It appears we cannot know, prior to observation, that life tends towards divergence across time but we also cannot show it without assuming it first. For only then does its “evidence” become apparent. Origin asks us to take a side, to weigh instantaneous against continuous creation, to ask ourselves: which of these fits the facts better? Which one explains more of the inexplicable; which is more durable in the face of new discovery; which requires fewer caveats and relies on fewer causes?

When we put aside the circularity and press forward into the logic of evolution, Darwin’s grand argument grows on us. He berates us with many cases, many curious questions, many references to long and dry catalogues. There is no single argument which legitimizes Natural Selection.

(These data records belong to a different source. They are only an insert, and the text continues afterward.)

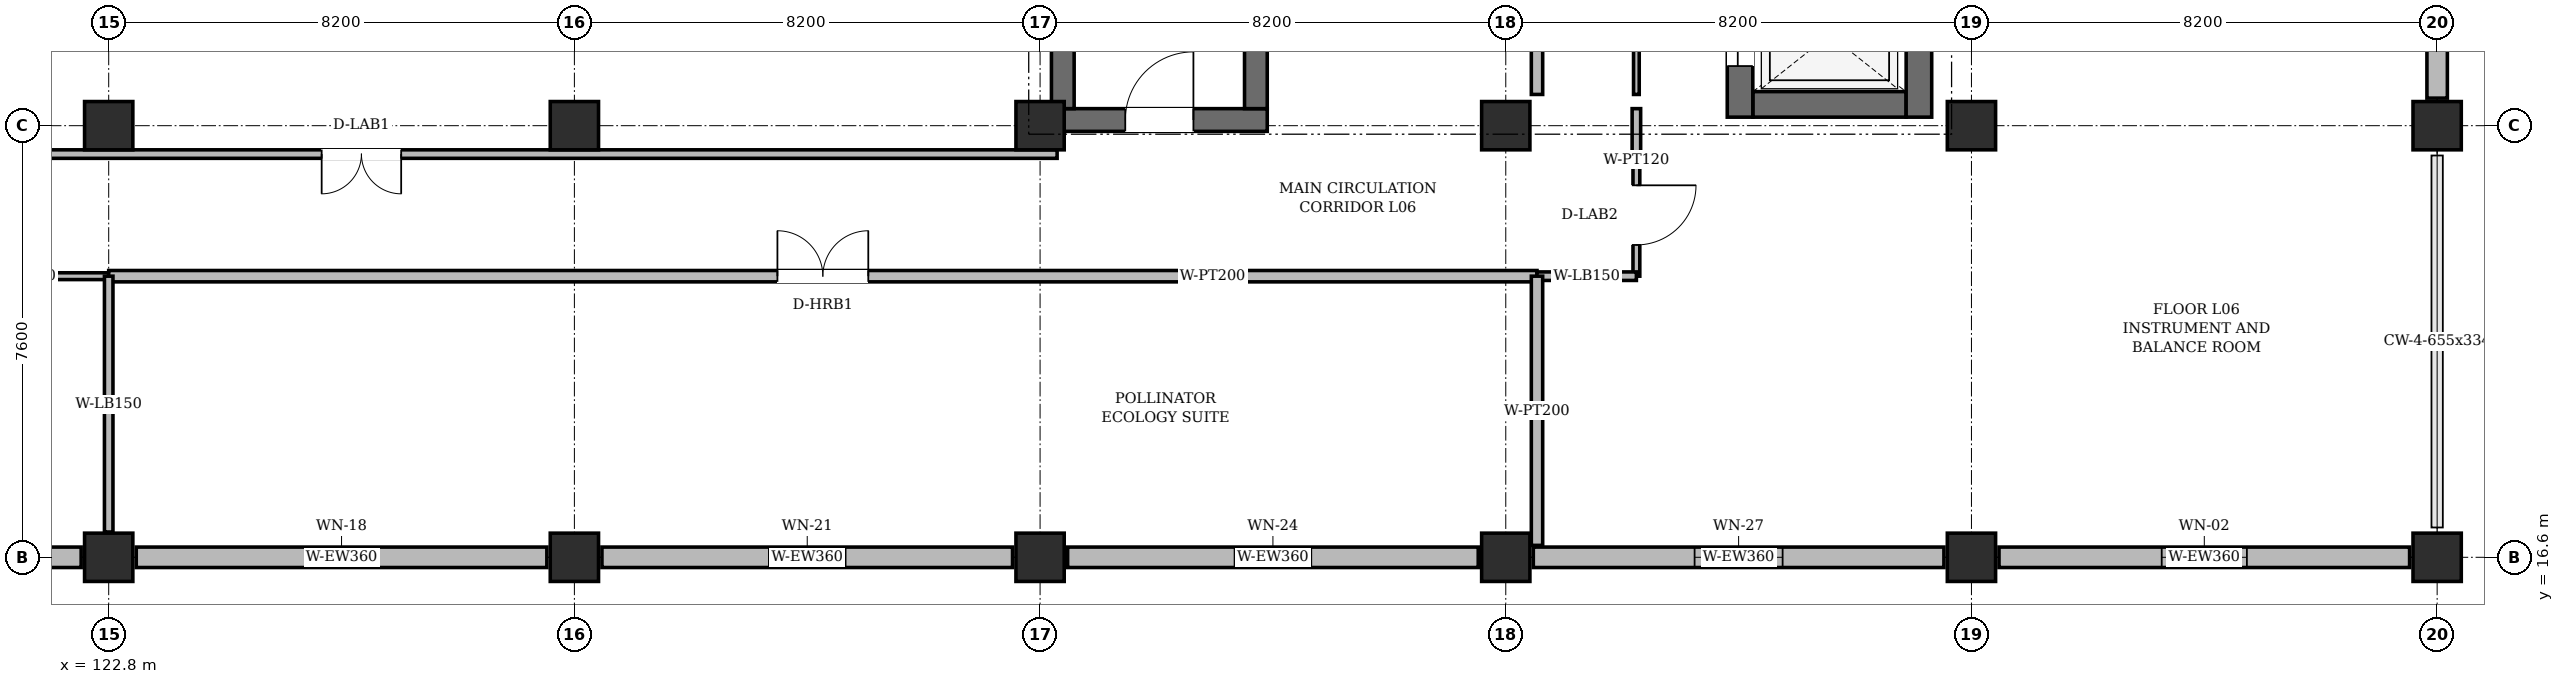
"""IFC4 building model, lengths in metres.
Left out: names, types, materials, properties, quantities, classifications, styles, units other than length and angle.
Written with IfcOpenShell. Run it as: python <this file> out.ifc"""

import sys

from ifc_helpers import new_model, si_unit, direction, frame, frame_2d, origin, origin_2d, place, context, subcontext, project, spatial, rectangle, extrude, element, fill, save


model = new_model("IFC4")
c1 = context("Model", 3, precision=1e-05, world=origin(), true_north=direction((0.0, 1.0)))
c2 = subcontext(c1, "Body", "Model", "MODEL_VIEW")
j1 = project(units=[si_unit("LENGTHUNIT", "METRE"), si_unit("PLANEANGLEUNIT", "RADIAN")], contexts=[c1])
p1 = place(None, origin())
s1 = spatial("IfcSite", under=j1, at=p1, CompositionType="ELEMENT")
p2 = place(p1, origin())
s2 = spatial("IfcBuilding", under=s1, at=p2, CompositionType="ELEMENT")
p3 = place(p2, frame((0.0, 0.0, 28.2)))
s3 = spatial("IfcBuildingStorey", under=s2, at=p3, CompositionType="ELEMENT", Elevation=28.2)
for number, where, z_axis, x_axis in (
    (1, (122.8, 16.6, 0.0), (0.0, 0.0, 1.0), (1.0, 0.0, 0.0)),
    (2, (122.8, 24.2, 0.0), (0.0, 0.0, 1.0), (1.0, 0.0, 0.0)),
    (3, (131.0, 16.6, 0.0), (0.0, 0.0, 1.0), (1.0, 0.0, 0.0)),
    (4, (131.0, 24.2, 0.0), (0.0, 0.0, 1.0), (1.0, 0.0, 0.0)),
    (5, (139.2, 16.6, 0.0), (0.0, 0.0, 1.0), (1.0, 0.0, 0.0)),
    (6, (139.2, 24.2, 0.0), (0.0, 0.0, 1.0), (1.0, 0.0, 0.0)),
    (7, (147.4, 16.6, 0.0), (0.0, 0.0, 1.0), (1.0, 0.0, 0.0)),
    (8, (147.4, 24.2, 0.0), (0.0, 0.0, 1.0), (1.0, 0.0, 0.0)),
    (9, (155.6, 16.6, 0.0), (0.0, 0.0, 1.0), (1.0, 0.0, 0.0)),
    (10, (155.6, 24.2, 0.0), (0.0, 0.0, 1.0), (1.0, 0.0, 0.0)),
    (11, (163.8, 16.6, 0.0), (0.0, 0.0, 1.0), (1.0, 0.0, 0.0)),
    (12, (163.8, 24.2, 0.0), (0.0, 0.0, 1.0), (1.0, 0.0, 0.0)),
):
    element("IfcColumn", number, at=place(p3, frame(where, z_axis=z_axis, x_axis=x_axis)), inside=s3, PredefinedType="COLUMN", context=c2, shape_type="SweptSolid", body=[
        extrude(rectangle(XDim=0.85, YDim=0.85, at=origin_2d()), origin(), (0.0, 0.0, 1.0), 3.94),
    ])
p4 = place(p3, frame((114.985, 16.6, 0.0), z_axis=(0.0, 0.0, 1.0), x_axis=(1.0, 0.0, 0.0)))
e13 = element("IfcWall", 13, at=p4, inside=s3, PredefinedType="SOLIDWALL", context=c2, shape_type="SweptSolid", body=[
    extrude(rectangle(XDim=7.33, YDim=0.36, at=frame_2d((3.665, 0.0))), origin(), (0.0, 0.0, 1.0), 3.325),
])
p5 = place(p4, frame((3.19, 0.0, 0.95)))
e14 = element("IfcOpeningElement", 14, at=p5, cuts=e13, PredefinedType="OPENING", context=c2, shape_type="SweptSolid", body=[
    extrude(rectangle(XDim=0.95, YDim=1.75, at=frame_2d((0.475, 0.875))), frame((0.0, 0.192, 0.0), z_axis=(0.0, -1.0, 0.0), x_axis=(1.0, 0.0, 0.0)), (0.0, 0.0, 1.0), 0.384),
])
p6 = place(p3, frame((123.285, 16.6, 0.0), z_axis=(0.0, 0.0, 1.0), x_axis=(1.0, 0.0, 0.0)))
e15 = element("IfcWall", 15, at=p6, inside=s3, PredefinedType="SOLIDWALL", context=c2, shape_type="SweptSolid", body=[
    extrude(rectangle(XDim=7.23, YDim=0.36, at=frame_2d((3.615, 0.0))), origin(), (0.0, 0.0, 1.0), 3.325),
])
p7 = place(p6, frame((3.04, 0.0, 0.95)))
e16 = element("IfcOpeningElement", 16, at=p7, cuts=e15, PredefinedType="OPENING", context=c2, shape_type="SweptSolid", body=[
    extrude(rectangle(XDim=1.15, YDim=1.5, at=frame_2d((0.575, 0.75))), frame((0.0, 0.192, 0.0), z_axis=(0.0, -1.0, 0.0), x_axis=(1.0, 0.0, 0.0)), (0.0, 0.0, 1.0), 0.384),
])
p8 = place(p3, frame((131.485, 16.6, 0.0), z_axis=(0.0, 0.0, 1.0), x_axis=(1.0, 0.0, 0.0)))
e17 = element("IfcWall", 17, at=p8, inside=s3, PredefinedType="SOLIDWALL", context=c2, shape_type="SweptSolid", body=[
    extrude(rectangle(XDim=7.23, YDim=0.36, at=frame_2d((3.615, 0.0))), origin(), (0.0, 0.0, 1.0), 3.325),
])
p9 = place(p8, frame((2.94, 0.0, 0.95)))
e18 = element("IfcOpeningElement", 18, at=p9, cuts=e17, PredefinedType="OPENING", context=c2, shape_type="SweptSolid", body=[
    extrude(rectangle(XDim=1.35, YDim=1.25, at=frame_2d((0.675, 0.625))), frame((0.0, 0.192, 0.0), z_axis=(0.0, -1.0, 0.0), x_axis=(1.0, 0.0, 0.0)), (0.0, 0.0, 1.0), 0.384),
])
p10 = place(p3, frame((139.685, 16.6, 0.0), z_axis=(0.0, 0.0, 1.0), x_axis=(1.0, 0.0, 0.0)))
e19 = element("IfcWall", 19, at=p10, inside=s3, PredefinedType="SOLIDWALL", context=c2, shape_type="SweptSolid", body=[
    extrude(rectangle(XDim=7.23, YDim=0.36, at=frame_2d((3.615, 0.0))), origin(), (0.0, 0.0, 1.0), 3.325),
])
p11 = place(p10, frame((2.94, 0.0, 0.95)))
e20 = element("IfcOpeningElement", 20, at=p11, cuts=e19, PredefinedType="OPENING", context=c2, shape_type="SweptSolid", body=[
    extrude(rectangle(XDim=1.35, YDim=2.05, at=frame_2d((0.675, 1.025))), frame((0.0, 0.192, 0.0), z_axis=(0.0, -1.0, 0.0), x_axis=(1.0, 0.0, 0.0)), (0.0, 0.0, 1.0), 0.384),
])
p12 = place(p3, frame((147.885, 16.6, 0.0), z_axis=(0.0, 0.0, 1.0), x_axis=(1.0, 0.0, 0.0)))
e21 = element("IfcWall", 21, at=p12, inside=s3, PredefinedType="SOLIDWALL", context=c2, shape_type="SweptSolid", body=[
    extrude(rectangle(XDim=7.23, YDim=0.36, at=frame_2d((3.615, 0.0))), origin(), (0.0, 0.0, 1.0), 3.325),
])
p13 = place(p12, frame((2.84, 0.0, 0.95)))
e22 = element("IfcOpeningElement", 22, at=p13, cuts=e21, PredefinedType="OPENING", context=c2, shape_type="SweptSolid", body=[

Darwin’s observations, evidence, and sometimes even experiments accumulate into something compelling. There are countless continua. In space, organisms can be linked in a line, like pigeons (1.1.29). In time, ancestor and descendant show a fine series of gradations. On the micro level, we see series in organic traits and habits, like the hives of bees (1.7.223). On the macro level, large classes only show commonality when connected in a chain, like crustaceans (1.6.186). This is only one of Darwin’s numerous arguments pursued. Like drops in a bucket, they gather, grow, and graduate into something substantial.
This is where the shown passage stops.